A museum called The Box has just been named the best in Britain, which is a good result for anyone tired of cultural spaces that feel like they were designed mainly for architects, funders and people who say “activation” with a straight face.
The Box is in Plymouth. It is part museum, part gallery, part archive, and it has just won the 2026 Art Fund Museum of the Year, the UK’s biggest museum prize. It holds more than two million objects and records connected to Plymouth’s history, and since opening in 2020 it has brought in more than 1.3 million visitors.
That is the first good sign. People actually go.
There is a particular kind of museum that seems more interested in being admired than used. You know the type. Beautiful foyer, serious signage, one enormous staircase, a café that sells a sandwich with too many adjectives. Everyone walks a bit slower than usual because the building has made them feel underdressed. You leave thinking it was probably important, even if you are not entirely sure whether you enjoyed yourself.
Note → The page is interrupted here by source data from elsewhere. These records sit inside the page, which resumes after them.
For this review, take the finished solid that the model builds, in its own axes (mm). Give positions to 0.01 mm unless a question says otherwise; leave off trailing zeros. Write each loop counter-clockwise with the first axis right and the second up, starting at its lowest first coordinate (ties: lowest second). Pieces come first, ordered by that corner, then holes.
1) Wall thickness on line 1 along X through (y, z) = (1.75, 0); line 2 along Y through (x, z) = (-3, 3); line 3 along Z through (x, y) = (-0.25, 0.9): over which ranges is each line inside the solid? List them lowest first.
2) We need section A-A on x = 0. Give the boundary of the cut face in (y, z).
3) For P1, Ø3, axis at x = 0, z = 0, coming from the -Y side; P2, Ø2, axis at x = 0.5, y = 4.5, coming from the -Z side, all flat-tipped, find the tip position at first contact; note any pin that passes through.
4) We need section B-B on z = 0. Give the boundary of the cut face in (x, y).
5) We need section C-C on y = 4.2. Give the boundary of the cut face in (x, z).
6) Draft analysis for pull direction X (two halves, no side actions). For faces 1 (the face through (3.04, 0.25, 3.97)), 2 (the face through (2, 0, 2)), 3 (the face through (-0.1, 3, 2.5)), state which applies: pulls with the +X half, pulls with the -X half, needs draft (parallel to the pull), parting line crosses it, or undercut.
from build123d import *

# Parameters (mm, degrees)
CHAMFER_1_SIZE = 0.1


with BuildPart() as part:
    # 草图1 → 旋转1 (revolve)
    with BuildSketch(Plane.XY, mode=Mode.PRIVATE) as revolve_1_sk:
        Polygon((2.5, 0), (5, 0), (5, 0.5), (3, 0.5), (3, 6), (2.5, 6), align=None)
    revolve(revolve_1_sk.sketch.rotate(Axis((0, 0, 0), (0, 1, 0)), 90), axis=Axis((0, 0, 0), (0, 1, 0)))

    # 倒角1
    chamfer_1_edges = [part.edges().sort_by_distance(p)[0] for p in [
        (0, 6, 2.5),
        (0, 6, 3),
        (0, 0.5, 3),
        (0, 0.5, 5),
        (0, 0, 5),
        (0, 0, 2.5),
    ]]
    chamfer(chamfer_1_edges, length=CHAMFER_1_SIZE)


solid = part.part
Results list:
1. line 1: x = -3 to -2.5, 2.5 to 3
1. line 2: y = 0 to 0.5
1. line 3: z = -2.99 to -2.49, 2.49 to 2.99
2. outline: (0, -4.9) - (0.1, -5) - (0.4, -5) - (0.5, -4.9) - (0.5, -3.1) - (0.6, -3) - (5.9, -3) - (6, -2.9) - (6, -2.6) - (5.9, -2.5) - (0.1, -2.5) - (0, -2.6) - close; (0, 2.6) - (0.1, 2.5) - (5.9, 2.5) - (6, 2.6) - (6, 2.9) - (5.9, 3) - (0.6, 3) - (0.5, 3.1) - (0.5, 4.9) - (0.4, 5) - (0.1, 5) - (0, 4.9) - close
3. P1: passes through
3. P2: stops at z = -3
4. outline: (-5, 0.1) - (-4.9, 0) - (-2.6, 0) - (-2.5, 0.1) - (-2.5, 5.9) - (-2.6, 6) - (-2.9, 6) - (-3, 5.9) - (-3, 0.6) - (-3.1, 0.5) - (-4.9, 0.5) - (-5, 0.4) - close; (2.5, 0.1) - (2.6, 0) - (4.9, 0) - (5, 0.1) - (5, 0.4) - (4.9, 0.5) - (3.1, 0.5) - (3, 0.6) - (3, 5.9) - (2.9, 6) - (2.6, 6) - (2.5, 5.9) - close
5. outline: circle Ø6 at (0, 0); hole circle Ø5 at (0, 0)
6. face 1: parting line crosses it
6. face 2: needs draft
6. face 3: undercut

The Box sounds like something else. Not small, exactly. Not quiet. But civic. It is trying to tell the story of a place to the people who live there, without making the whole thing feel like homework. According to the Art Fund judges, it has worked with 89% of the city’s schools and run community projects that pull people in rather than wait for them to become “museum audiences”, which is usually code for people who already know how to behave in a museum.
That feels worth backing.
The best cultural places do not just display things. They give a city somewhere to put itself. Its odd objects, old photos, naval bits, local heroes, uncomfortable histories, school trips, rainy afternoons, bored teenagers, proud grandparents, all of it. A good museum lets people recognise where they are from without turning the place into a brochure.
That is harder than it sounds. Make it too worthy and nobody wants to go. Make it too glossy and it stops feeling like theirs. Make it too clever and half the city quietly opts out.
The Box seems to have landed in a better spot. A big public room with enough ambition to win a major prize, but enough local gravity to matter outside the prize ceremony. That is the bit to like. Not the award by itself. Awards are nice, but they can make anything sound more polished than it is. The real win is a city museum people use.
New Zealand could probably take a note here. We are very good at arguing about whether culture is worth funding, usually in the most joyless possible terms. Too expensive, too niche, too elitist, too hard to measure. Then a place like this comes along and reminds everyone that culture is not some decorative extra you add once the proper work is done. It is one of the ways a city remembers what it is.
Not every museum needs to be cool. In fact, quite a few would be better if they stopped trying. Be useful. Be generous. Be specific. Give the kids something to point at. Give the locals a reason to come back. Give the city a room that feels like it belongs to them.
That is enough. Actually, it is a lot.